Notation and Inscription: Considering the Tactile
Virginia Georgallas (Berkeley University)
Sarah Koval (Harvard University)
What is the relationship between notation and inscription? Are they equivalent? Thor Magnusson (2019), in his work exploring the ancestry of contemporary music technologies—“how we think with and through technology”—offers a tripartite system for distinguishing different modes of sonic writing: 1) material inscription (on the bodies of musical instruments), 2) symbolic inscription (notation), and 3) signal inscription (what became possible after the advent of sound recording). For Magnusson, inscription seems to be available through every technology equally, and his divisions explicitly separate immaterial (symbolic) notation from material inscription. And yet, Andrea Bachner (2018) has recently cautioned that inscription is a master metaphor of contemporary thought, a theoretical figure and trope through which poststructuralist theory “stages and concretizes its conceptual moves.” Born of nineteenth-century disciplinary formations and inventions (such as anthropology, psychoanalysis, and technologies of photography and phonography), the work of inscription is powerful, ubiquitous, and timeless. For Bachner, the trope of inscription allows theorists to shape the material world by giving their texts a seemingly material foundation.

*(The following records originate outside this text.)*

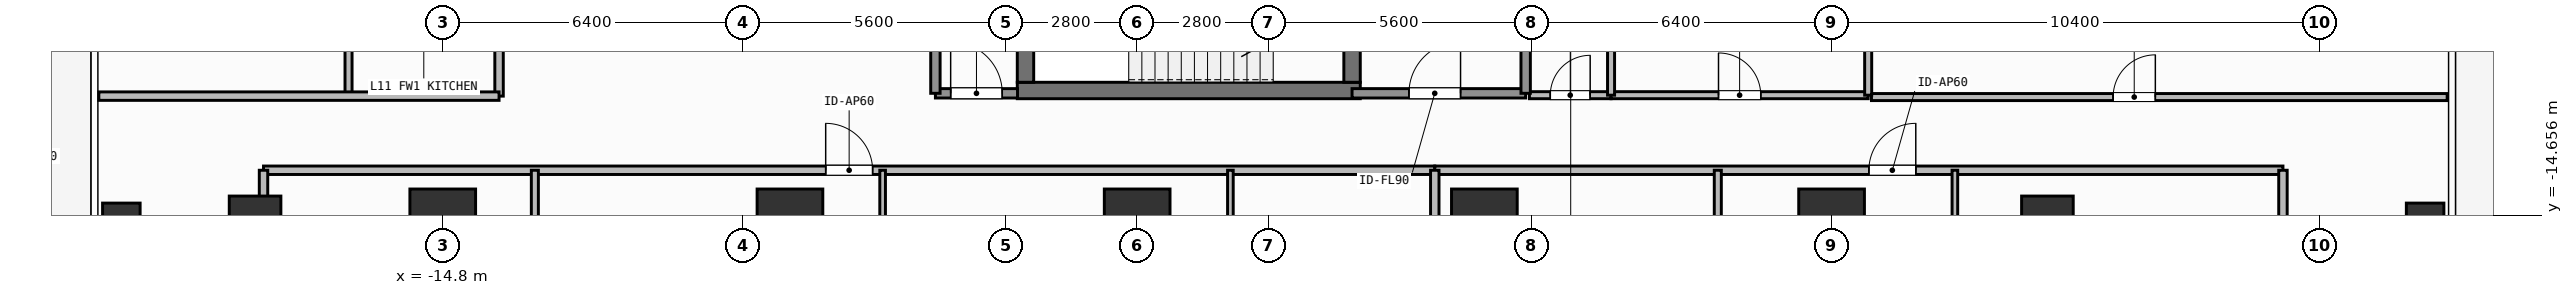
"""IFC4 building model, lengths in metres.
Left out: names, types, materials, properties, quantities, classifications, styles, units other than length and angle.
Written with IfcOpenShell. Run it as: python <this file> out.ifc"""

import sys

from ifc_helpers import new_model, si_unit, direction, frame, frame_2d, origin, origin_2d, place, context, subcontext, project, spatial, rectangle, hollow_rectangle, extrude, element, fill, save


model = new_model("IFC4")
c1 = context("Model", 3, precision=1e-05, world=origin(), true_north=direction((0.0, 1.0)))
c2 = subcontext(c1, "Body", "Model", "MODEL_VIEW")
j1 = project(units=[si_unit("LENGTHUNIT", "METRE"), si_unit("PLANEANGLEUNIT", "RADIAN")], contexts=[c1])
p1 = place(None, origin())
s1 = spatial("IfcSite", under=j1, at=p1, CompositionType="ELEMENT")
p2 = place(p1, origin())
s2 = spatial("IfcBuilding", under=s1, at=p2, CompositionType="ELEMENT")
p3 = place(p2, frame((0.0, 0.0, 42.3)))
s3 = spatial("IfcBuildingStorey", under=s2, at=p3, CompositionType="ELEMENT", Elevation=42.3)
p4 = place(p3, frame((-2.555, -12.0, 0.0), z_axis=(0.0, 0.0, 1.0), x_axis=(1.0, 0.0, 0.0)))
e1 = element("IfcWall", 1, at=p4, inside=s3, PredefinedType="SHEAR", context=c2, shape_type="SweptSolid", body=[
    extrude(rectangle(XDim=7.31, YDim=0.35, at=frame_2d((3.655, 0.0))), origin(), (0.0, 0.0, 1.0), 3.9),
])
p5 = place(p3, frame((-2.38, -11.825, 0.0), z_axis=(0.0, 0.0, 1.0), x_axis=(0.0, 1.0, 0.0)))
e2 = element("IfcWall", 2, at=p5, inside=s3, PredefinedType="SHEAR", context=c2, shape_type="SweptSolid", body=[
    extrude(rectangle(XDim=2.925, YDim=0.35, at=frame_2d((1.462, 0.0))), origin(), (0.0, 0.0, 1.0), 3.9),
])
p6 = place(p3, frame((4.58, -8.9, 0.0), z_axis=(0.0, 0.0, 1.0), x_axis=(0.0, -1.0, 0.0)))
e3 = element("IfcWall", 3, at=p6, inside=s3, PredefinedType="SHEAR", context=c2, shape_type="SweptSolid", body=[
    extrude(rectangle(XDim=2.925, YDim=0.35, at=frame_2d((1.462, 0.0))), origin(), (0.0, 0.0, 1.0), 3.9),
])
p7 = place(p6, frame((0.913, 0.0, 0.0)))
e4 = element("IfcOpeningElement", 4, at=p7, cuts=e3, PredefinedType="OPENING", context=c2, shape_type="SweptSolid", body=[
    extrude(rectangle(XDim=1.1, YDim=2.15, at=frame_2d((0.55, 1.075))), frame((0.0, 0.185, 0.0), z_axis=(0.0, -1.0, 0.0), x_axis=(1.0, 0.0, 0.0)), (0.0, 0.0, 1.0), 0.37),
])
for number, where, z_axis, x_axis in (
    (5, (-14.8, -14.8, 0.0), (0.0, 0.0, 1.0), (1.0, 0.0, 0.0)),
    (6, (-7.4, -14.8, 0.0), (0.0, 0.0, 1.0), (1.0, 0.0, 0.0)),
    (7, (0.0, -14.8, 0.0), (0.0, 0.0, 1.0), (1.0, 0.0, 0.0)),
    (8, (7.4, -14.8, 0.0), (0.0, 0.0, 1.0), (1.0, 0.0, 0.0)),
    (9, (14.8, -14.8, 0.0), (0.0, 0.0, 1.0), (1.0, 0.0, 0.0)),
):
    element("IfcColumn", number, at=place(p3, frame(where, z_axis=z_axis, x_axis=x_axis)), inside=s3, PredefinedType="COLUMN", context=c2, shape_type="SweptSolid", body=[
        extrude(rectangle(XDim=1.4, YDim=1.4, at=origin_2d()), origin(), (0.0, 0.0, 1.0), 3.9),
    ])
for number, where, z_axis, x_axis in (
    (10, (-18.8, -14.8, 0.0), (0.0, 0.0, 1.0), (1.0, 0.0, 0.0)),
    (11, (19.4, -14.8, 0.0), (0.0, 0.0, 1.0), (1.0, 0.0, 0.0)),
):
    element("IfcColumn", number, at=place(p3, frame(where, z_axis=z_axis, x_axis=x_axis)), inside=s3, PredefinedType="COLUMN", context=c2, shape_type="SweptSolid", body=[
        extrude(rectangle(XDim=1.1, YDim=1.1, at=origin_2d()), origin(), (0.0, 0.0, 1.0), 3.9),
    ])
for number, where, z_axis, x_axis in (
    (12, (-21.65, -14.8, 0.0), (0.0, 0.0, 1.0), (1.0, 0.0, 0.0)),
    (13, (27.45, -14.8, 0.0), (0.0, 0.0, 1.0), (1.0, 0.0, 0.0)),
):
    element("IfcColumn", number, at=place(p3, frame(where, z_axis=z_axis, x_axis=x_axis)), inside=s3, PredefinedType="COLUMN", context=c2, shape_type="SweptSolid", body=[
        extrude(hollow_rectangle(XDim=0.8, YDim=0.8, WallThickness=0.036, at=origin_2d()), origin(), (0.0, 0.0, 1.0), 3.9),
    ])
p8 = place(p3, frame((4.58, -12.06, 0.0), z_axis=(0.0, 0.0, 1.0), x_axis=(1.0, 0.0, 0.0)))
e14 = element("IfcWall", 14, at=p8, inside=s3, PredefinedType="SOLIDWALL", context=c2, shape_type="SweptSolid", body=[
    extrude(rectangle(XDim=3.7, YDim=0.2, at=frame_2d((1.85, 0.0))), origin(), (0.0, 0.0, 1.0), 3.68),
])
p9 = place(p8, frame((1.212, 0.0, 0.0)))
e15 = element("IfcOpeningElement", 15, at=p9, cuts=e14, PredefinedType="OPENING", context=c2, shape_type="SweptSolid", body=[
    extrude(rectangle(XDim=1.1, YDim=2.15, at=frame_2d((0.55, 1.075))), frame((0.0, 0.11, 0.0), z_axis=(0.0, -1.0, 0.0), x_axis=(1.0, 0.0, 0.0)), (0.0, 0.0, 1.0), 0.22),
])
p10 = place(p3, frame((-4.3, -12.06, 0.0), z_axis=(0.0, 0.0, 1.0), x_axis=(1.0, 0.0, 0.0)))
e16 = element("IfcWall", 16, at=p10, inside=s3, PredefinedType="SOLIDWALL", context=c2, shape_type="SweptSolid", body=[
    extrude(rectangle(XDim=1.75, YDim=0.2, at=frame_2d((0.875, 0.0))), origin(), (0.0, 0.0, 1.0), 3.68),
])
p11 = place(p10, frame((0.325, 0.0, 0.0)))
e17 = element("IfcOpeningElement", 17, at=p11, cuts=e16, PredefinedType="OPENING", context=c2, shape_type="SweptSolid", body=[
    extrude(rectangle(XDim=1.1, YDim=2.15, at=frame_2d((0.55, 1.075))), frame((0.0, 0.11, 0.0), z_axis=(0.0, -1.0, 0.0), x_axis=(1.0, 0.0, 0.0)), (0.0, 0.0, 1.0), 0.22),
])
p12 = place(p3, frame((8.36, -12.1, 0.0), z_axis=(0.0, 0.0, 1.0), x_axis=(1.0, 0.0, 0.0)))
e18 = element("IfcWall", 18, at=p12, inside=s3, PredefinedType="PARTITIONING", context=c2, shape_type="SweptSolid", body=[
    extrude(rectangle(XDim=1.74, YDim=0.15, at=frame_2d((0.87, 0.0))), origin(), (0.0, 0.0, 1.0), 3.68),
])
p13 = place(p12, frame((0.445, 0.0, 0.0)))
e19 = element("IfcOpeningElement", 19, at=p13, cuts=e18, PredefinedType="OPENING", context=c2, shape_type="SweptSolid", body=[
    extrude(rectangle(XDim=0.85, YDim=2.1, at=frame_2d((0.425, 1.05))), frame((0.0, 0.085, 0.0), z_axis=(0.0, -1.0, 0.0), x_axis=(1.0, 0.0, 0.0)), (0.0, 0.0, 1.0), 0.17),
])
p14 = place(p3, frame((10.1, -12.1, 0.0), z_axis=(0.0, 0.0, 1.0), x_axis=(1.0, 0.0, 0.0)))
e20 = element("IfcWall", 20, at=p14, inside=s3, PredefinedType="PARTITIONING", context=c2, shape_type="SweptSolid", body=[
    extrude(rectangle(XDim=5.48, YDim=0.15, at=frame_2d((2.74, 0.0))), origin(), (0.0, 0.0, 1.0), 3.68),
])
p15 = place(p14, frame((2.29, 0.0, 0.0)))
e21 = element("IfcOpeningElement", 21, at=p15, cuts=e20, PredefinedType="OPENING", context=c2, shape_type="SweptSolid", body=[
    extrude(rectangle(XDim=0.9, YDim=2.1, at=frame_2d((0.45, 1.05))), frame((0.0, 0.085, 0.0), z_axis=(0.0, -1.0, 0.0), x_axis=(1.0, 0.0, 0.0)), (0.0, 0.0, 1.0), 0.17),
])
p16 = place(p3, frame((-18.62, -13.7, 0.0), z_axis=(0.0, 0.0, 1.0), x_axis=(1.0, 0.0, 0.0)))
e22 = element("IfcWall", 22, at=p16, inside=s3, PredefinedType="PARTITIONING", context=c2, shape_type="SweptSolid", body=[
    extrude(rectangle(XDim=24.963, YDim=0.18, at=frame_2d((12.481, 0.0))), origin(), (0.0, 0.0, 1.0), 3.68),
])
p17 = place(p16, frame((11.981, 0.0, 0.0)))
e23 = element("IfcOpeningElement", 23, at=p17, cuts=e22, PredefinedType="OPENING", context=c2, shape_type="SweptSolid", body=[
    extrude(rectangle(XDim=1.0, YDim=2.2, at=frame_2d((0.5, 1.1))), frame((0.0, 0.1, 0.0), z_axis=(0.0, -1.0, 0.0), x_axis=(1.0, 0.0, 0.0)), (0.0, 0.0, 1.0), 0.2),
])
p18 = place(p3, frame((-5.425, -20.79, 0.0), z_axis=(0.0, 0.0, 1.0), x_axis=(0.0, 1.0, 0.0)))
e24 = element("IfcWall", 24, at=p18, inside=s3, PredefinedType="PARTITIONING", context=c2, shape_type="SweptSolid", body=[
    extrude(rectangle(XDim=7.09, YDim=0.12, at=frame_2d((3.545, 0.0))), origin(), (0.0, 0.0, 1.0), 3.68),
])
p19 = place(p18, frame((2.117, 0.0, 0.0)))
e25 = element("IfcOpeningElement", 25, at=p19, cuts=e24, PredefinedType="OPENING", context=c2, shape_type="SweptSolid", body=[
    extrude(rectangle(XDim=0.9, YDim=2.1, at=frame_2d((0.45, 1.05))), frame((0.0, 0.07, 0.0), z_axis=(0.0, -1.0, 0.0), x_axis=(1.0, 0.0, 0.0)), (0.0, 0.0, 1.0), 0.14),
])
p20 = place(p3, frame((-12.837, -20.79, 0.0), z_axis=(0.0, 0.0, 1.0), x_axis=(0.0, 1.0, 0.0)))
e26 = element("IfcWall", 26, at=p20, inside=s3, PredefinedType="PARTITIONING", context=c2, shape_type="SweptSolid", body=[
    extrude(rectangle(XDim=7.09, YDim=0.15, at=frame_2d((3.545, 0.0))), origin(), (0.0, 0.0, 1.0), 3.68),
])
p21 = place(p20, frame((2.133, 0.0, 0.0)))
e27 = element("IfcOpeningElement", 27, at=p21, cuts=e26, PredefinedType="OPENING", context=c2, shape_type="SweptSolid", body=[
    extrude(rectangle(XDim=0.85, YDim=2.1, at=frame_2d((0.425, 1.05))), frame((0.0, 0.085, 0.0), z_axis=(0.0, -1.0, 0.0), x_axis=(1.0, 0.0, 0.0)), (0.0, 0.0, 1.0), 0.17),
])
p22 = place(p3, frame((1.987, -18.663, 0.0), z_axis=(0.0, 0.0, 1.0), x_axis=(0.0, 1.0, 0.0)))
e28 = element("IfcWall", 28, at=p22, inside=s3, PredefinedType="PARTITIONING", context=c2, shape_type="SweptSolid", body=[
    extrude(rectangle(XDim=4.963, YDim=0.12, at=frame_2d((2.481, 0.0))), origin(), (0.0, 0.0, 1.0), 3.68),
])
p23 = place(p22, frame((2.056, 0.0, 0.0)))
e29 = element("IfcOpeningElement", 29, at=p23, cuts=e28, PredefinedType="OPENING", context=c2, shape_type="SweptSolid", body=[
    extrude(rectangle(XDim=0.85, YDim=2.1, at=frame_2d((0.425, 1.05))), frame((0.0, 0.07, 0.0), z_axis=(0.0, -1.0, 0.0), x_axis=(1.0, 0.0, 0.0)), (0.0, 0.0, 1.0), 0.14),
])
p24 = place(p3, frame((6.343, -13.7, 0.0), z_axis=(0.0, 0.0, 1.0), x_axis=(1.0, 0.0, 0.0)))
e30 = element("IfcWall", 30, at=p24, inside=s3, PredefinedType="PARTITIONING", context=c2, shape_type="SweptSolid", body=[
    extrude(rectangle(XDim=18.077, YDim=0.18, at=frame_2d((9.039, 0.0))), origin(), (0.0, 0.0, 1.0), 3.68),
])
p25 = place(p24, frame((9.252, 0.0, 0.0)))
e31 = element("IfcOpeningElement", 31, at=p25, cuts=e30, PredefinedType="OPENING", context=c2, shape_type="SweptSolid", body=[
    extrude(rectangle(XDim=1.0, YDim=2.2, at=frame_2d((0.5, 1.1))), frame((0.0, 0.1, 0.0), z_axis=(0.0, -1.0, 0.0), x_axis=(1.0, 0.0, 0.0)), (0.0, 0.0, 1.0), 0.2),
])
p26 = place(p3, frame((12.375, -20.79, 0.0), z_axis=(0.0, 0.0, 1.0), x_axis=(0.0, 1.0, 0.0)))
e32 = element("IfcWall", 32, at=p26, inside=s3, PredefinedType="PARTITIONING", context=c2, shape_type="SweptSolid", body=[
    extrude(rectangle(XDim=7.09, YDim=0.15, at=frame_2d((3.545, 0.0))), origin(), (0.0, 0.0, 1.0), 3.68),
])
p27 = place(p26, frame((3.03, 0.0, 0.0)))
e33 = element("IfcOpeningElement", 33, at=p27, cuts=e32, PredefinedType="OPENING", context=c2, shape_type="SweptSolid", body=[
    extrude(rectangle(XDim=0.85, YDim=2.1, at=frame_2d((0.425, 1.05))), frame((0.0, 0.085, 0.0), z_axis=(0.0, -1.0, 0.0), x_axis=(1.0, 0.0, 0.0)), (0.0, 0.0, 1.0), 0.17),
])
p28 = place(p3, frame((17.428, -17.883, 0.0), z_axis=(0.0, 0.0, 1.0), x_axis=(0.0, 1.0, 0.0)))
e34 = element("IfcWall", 34, at=p28, inside=s3, PredefinedType="PARTITIONING", context=c2, shape_type="SweptSolid", body=[
    extrude(rectangle(XDim=4.183, YDim=0.12, at=frame_2d((2.092, 0.0))), origin(), (0.0, 0.0, 1.0), 3.68),
])
p29 = place(p28, frame((1.578, 0.0, 0.0)))
e35 = element("IfcOpeningElement", 35, at=p29, cuts=e34, PredefinedType="OPENING", context=c2, shape_type="SweptSolid", body=[
    extrude(rectangle(XDim=0.85, YDim=2.1, at=frame_2d((0.425, 1.05))), frame((0.0, 0.07, 0.0), z_axis=(0.0, -1.0, 0.0), x_axis=(1.0, 0.0, 0.0)), (0.0, 0.0, 1.0), 0.14),
])
p30 = place(p3, frame((-13.6, -12.12, 0.0), z_axis=(0.0, 0.0, 1.0), x_axis=(0.0, 1.0, 0.0)))
e36 = element("IfcWall", 36, at=p30, inside=s3, PredefinedType="PARTITIONING", context=c2, shape_type="SweptSolid", body=[
    extrude(rectangle(XDim=24.24, YDim=0.18, at=frame_2d((12.12, 0.0))), origin(), (0.0, 0.0, 1.0), 3.68),
])
p31 = place(p30, frame((9.829, 0.0, 0.0)))
e37 = element("IfcOpeningElement", 37, at=p31, cuts=e36, PredefinedType="OPENING", context=c2, shape_type="SweptSolid", body=[
    extrude(rectangle(XDim=1.0, YDim=2.2, at=frame_2d((0.5, 1.1))), frame((0.0, 0.1, 0.0), z_axis=(0.0, -1.0, 0.0), x_axis=(1.0, 0.0, 0.0)), (0.0, 0.0, 1.0), 0.2),
])
p32 = place(p3, frame((15.65, -12.14, 0.0), z_axis=(0.0, 0.0, 1.0), x_axis=(1.0, 0.0, 0.0)))
e38 = element("IfcWall", 38, at=p32, inside=s3, PredefinedType="PARTITIONING", context=c2, shape_type="SweptSolid", body=[
    extrude(rectangle(XDim=12.27, YDim=0.15, at=frame_2d((6.135, 0.0))), origin(), (0.0, 0.0, 1.0), 3.68),
])
p33 = place(p32, frame((5.15, 0.0, 0.0)))
e39 = element("IfcOpeningElement", 39, at=p33, cuts=e38, PredefinedType="OPENING", context=c2, shape_type="SweptSolid", body=[
    extrude(rectangle(XDim=0.9, YDim=2.1, at=frame_2d((0.45, 1.05))), frame((0.0, 0.085, 0.0), z_axis=(0.0, -1.0, 0.0), x_axis=(1.0, 0.0, 0.0)), (0.0, 0.0, 1.0), 0.17),
])
for number, where, z_axis, x_axis in (
    (40, (8.28, -12.06, 0.0), (0.0, 0.0, 1.0), (0.0, 1.0, 0.0)),
    (41, (-4.3, -12.06, 0.0), (0.0, 0.0, 1.0), (0.0, 1.0, 0.0)),
):
    element("IfcWall", number, at=place(p3, frame(where, z_axis=z_axis, x_axis=x_axis)), inside=s3, PredefinedType="SOLIDWALL", context=c2, shape_type="SweptSolid", body=[
        extrude(rectangle(XDim=3.11, YDim=0.2, at=frame_2d((1.555, 0.0))), origin(), (0.0, 0.0, 1.0), 3.68),
    ])
p34 = place(p3, frame((10.1, -12.1, 0.0), z_axis=(0.0, 0.0, 1.0), x_axis=(0.0, 1.0, 0.0)))
e42 = element("IfcWall", 42, at=p34, inside=s3, PredefinedType="PARTITIONING", context=c2, shape_type="SweptSolid", body=[
    extrude(rectangle(XDim=2.35, YDim=0.15, at=frame_2d((1.175, 0.0))), origin(), (0.0, 0.0, 1.0), 3.68),
])
p35 = place(p3, frame((15.58, -12.1, 0.0), z_axis=(0.0, 0.0, 1.0), x_axis=(0.0, 1.0, 0.0)))
e43 = element("IfcWall", 43, at=p35, inside=s3, PredefinedType="PARTITIONING", context=c2, shape_type="SweptSolid", body=[
    extrude(rectangle(XDim=6.25, YDim=0.15, at=frame_2d((3.125, 0.0))), origin(), (0.0, 0.0, 1.0), 3.68),
])
p36 = place(p3, frame((-18.62, -23.91, 0.0), z_axis=(0.0, 0.0, 1.0), x_axis=(0.0, 1.0, 0.0)))
e44 = element("IfcWall", 44, at=p36, inside=s3, PredefinedType="PARTITIONING", context=c2, shape_type="SweptSolid", body=[
    extrude(rectangle(XDim=10.21, YDim=0.18, at=frame_2d((5.105, 0.0))), origin(), (0.0, 0.0, 1.0), 3.082),
])
p37 = place(p3, frame((24.42, -23.91, 0.0), z_axis=(0.0, 0.0, 1.0), x_axis=(0.0, 1.0, 0.0)))
e45 = element("IfcWall", 45, at=p37, inside=s3, PredefinedType="PARTITIONING", context=c2, shape_type="SweptSolid", body=[
    extrude(rectangle(XDim=10.21, YDim=0.18, at=frame_2d((5.105, 0.0))), origin(), (0.0, 0.0, 1.0), 3.68),
])
p38 = place(p3, frame((6.343, -25.03, 0.0), z_axis=(0.0, 0.0, 1.0), x_axis=(0.0, 1.0, 0.0)))
e46 = element("IfcWall", 46, at=p38, inside=s3, PredefinedType="PARTITIONING", context=c2, shape_type="SweptSolid", body=[
    extrude(rectangle(XDim=11.33, YDim=0.18, at=frame_2d((5.665, 0.0))), origin(), (0.0, 0.0, 1.0), 3.68),
])
p39 = place(p3, frame((-16.808, -12.12, 0.0), z_axis=(0.0, 0.0, 1.0), x_axis=(0.0, 1.0, 0.0)))
e47 = element("IfcWall", 47, at=p39, inside=s3, PredefinedType="PARTITIONING", context=c2, shape_type="SweptSolid", body=[
    extrude(rectangle(XDim=2.8, YDim=0.15, at=frame_2d((1.4, 0.0))), origin(), (0.0, 0.0, 1.0), 3.68),
])
p40 = place(p3, frame((-22.13, -12.12, 0.0), z_axis=(0.0, 0.0, 1.0), x_axis=(1.0, 0.0, 0.0)))
e48 = element("IfcWall", 48, at=p40, inside=s3, PredefinedType="PARTITIONING", context=c2, shape_type="SweptSolid", body=[
    extrude(rectangle(XDim=8.53, YDim=0.18, at=frame_2d((4.265, 0.0))), origin(), (0.0, 0.0, 1.0), 3.68),
])
p41 = place(p9, origin())
e49 = element("IfcDoor", 49, at=p41, inside=s3, OperationType="SINGLE_SWING_RIGHT", PredefinedType="DOOR", context=c2, shape_type="SweptSolid", body=[
    extrude(rectangle(XDim=1.1, YDim=2.15, at=frame_2d((0.55, 1.075))), frame((0.0, 0.025, 0.0), z_axis=(0.0, -1.0, 0.0), x_axis=(1.0, 0.0, 0.0)), (0.0, 0.0, 1.0), 0.05),
])
fill(e15, e49)
p42 = place(p11, origin())
e50 = element("IfcDoor", 50, at=p42, inside=s3, OperationType="SINGLE_SWING_LEFT", PredefinedType="DOOR", context=c2, shape_type="SweptSolid", body=[
    extrude(rectangle(XDim=1.1, YDim=2.15, at=frame_2d((0.55, 1.075))), frame((0.0, 0.025, 0.0), z_axis=(0.0, -1.0, 0.0), x_axis=(1.0, 0.0, 0.0)), (0.0, 0.0, 1.0), 0.05),
])
fill(e17, e50)
p43 = place(p13, origin())
e51 = element("IfcDoor", 51, at=p43, inside=s3, OperationType="SINGLE_SWING_RIGHT", PredefinedType="DOOR", context=c2, shape_type="SweptSolid", body=[
    extrude(rectangle(XDim=0.85, YDim=2.1, at=frame_2d((0.425, 1.05))), frame((0.0, 0.025, 0.0), z_axis=(0.0, -1.0, 0.0), x_axis=(1.0, 0.0, 0.0)), (0.0, 0.0, 1.0), 0.05),
])
fill(e19, e51)
p44 = place(p15, origin())
e52 = element("IfcDoor", 52, at=p44, inside=s3, OperationType="SINGLE_SWING_LEFT", PredefinedType="DOOR", context=c2, shape_type="SweptSolid", body=[
    extrude(rectangle(XDim=0.9, YDim=2.1, at=frame_2d((0.45, 1.05))), frame((0.0, 0.025, 0.0), z_axis=(0.0, -1.0, 0.0), x_axis=(1.0, 0.0, 0.0)), (0.0, 0.0, 1.0), 0.05),
])
fill(e21, e52)
p45 = place(p17, origin())
e53 = element("IfcDoor", 53, at=p45, inside=s3, OperationType="SINGLE_SWING_LEFT", PredefinedType="DOOR", context=c2, shape_type="SweptSolid", body=[
    extrude(rectangle(XDim=1.0, YDim=2.2, at=frame_2d((0.5, 1.1))), frame((0.0, 0.025, 0.0), z_axis=(0.0, -1.0, 0.0), x_axis=(1.0, 0.0, 0.0)), (0.0, 0.0, 1.0), 0.05),
])
fill(e23, e53)
p46 = place(p25, origin())
e54 = element("IfcDoor", 54, at=p46, inside=s3, OperationType="SINGLE_SWING_RIGHT", PredefinedType="DOOR", context=c2, shape_type="SweptSolid", body=[
    extrude(rectangle(XDim=1.0, YDim=2.2, at=frame_2d((0.5, 1.1))), frame((0.0, 0.025, 0.0), z_axis=(0.0, -1.0, 0.0), x_axis=(1.0, 0.0, 0.0)), (0.0, 0.0, 1.0), 0.05),
])
fill(e31, e54)
p47 = place(p33, origin())
e55 = element("IfcDoor", 55, at=p47, inside=s3, OperationType="SINGLE_SWING_RIGHT", PredefinedType="DOOR", context=c2, shape_type="SweptSolid", body=[
    extrude(rectangle(XDim=0.9, YDim=2.1, at=frame_2d((0.45, 1.05))), frame((0.0, 0.025, 0.0), z_axis=(0.0, -1.0, 0.0), x_axis=(1.0, 0.0, 0.0)), (0.0, 0.0, 1.0), 0.05),
])
fill(e39, e55)
save(model, sys.argv[1])

This paper asks whether inscription is a theoretical tool worth salvaging for music studies. An obvious distinction between notation and inscription is that the latter implies a material encounter, while the former often suggests a symbolic or abstracted realm, as Magnusson does—for him, notation is only one of many inscriptive technologies. Moreover, some media theoretical framings of notation have anachronistically applied digital metaphors—for example, Floris Schuiling (2019) defines musical notations as “interfaces for imagining virtual musical relations.” This approach is, at the very least, historically contingent, and relies, like Magnusson does, on assumed continuities between pre-digital and digital notational technologies. We propose looking for models of inscription that pre- date the phonograph and the digital. Such models may offer new understandings of notation shaped by inscriptive processes that attend to touch and the tactile (Saha, 2019). Moments of tactile encounter and impression—on paper, wax, wood, and fiber—may illuminate aspects of musical praxis (beyond creative and interpretive authority) that highlight the labour of compositional assemblage and notational practices.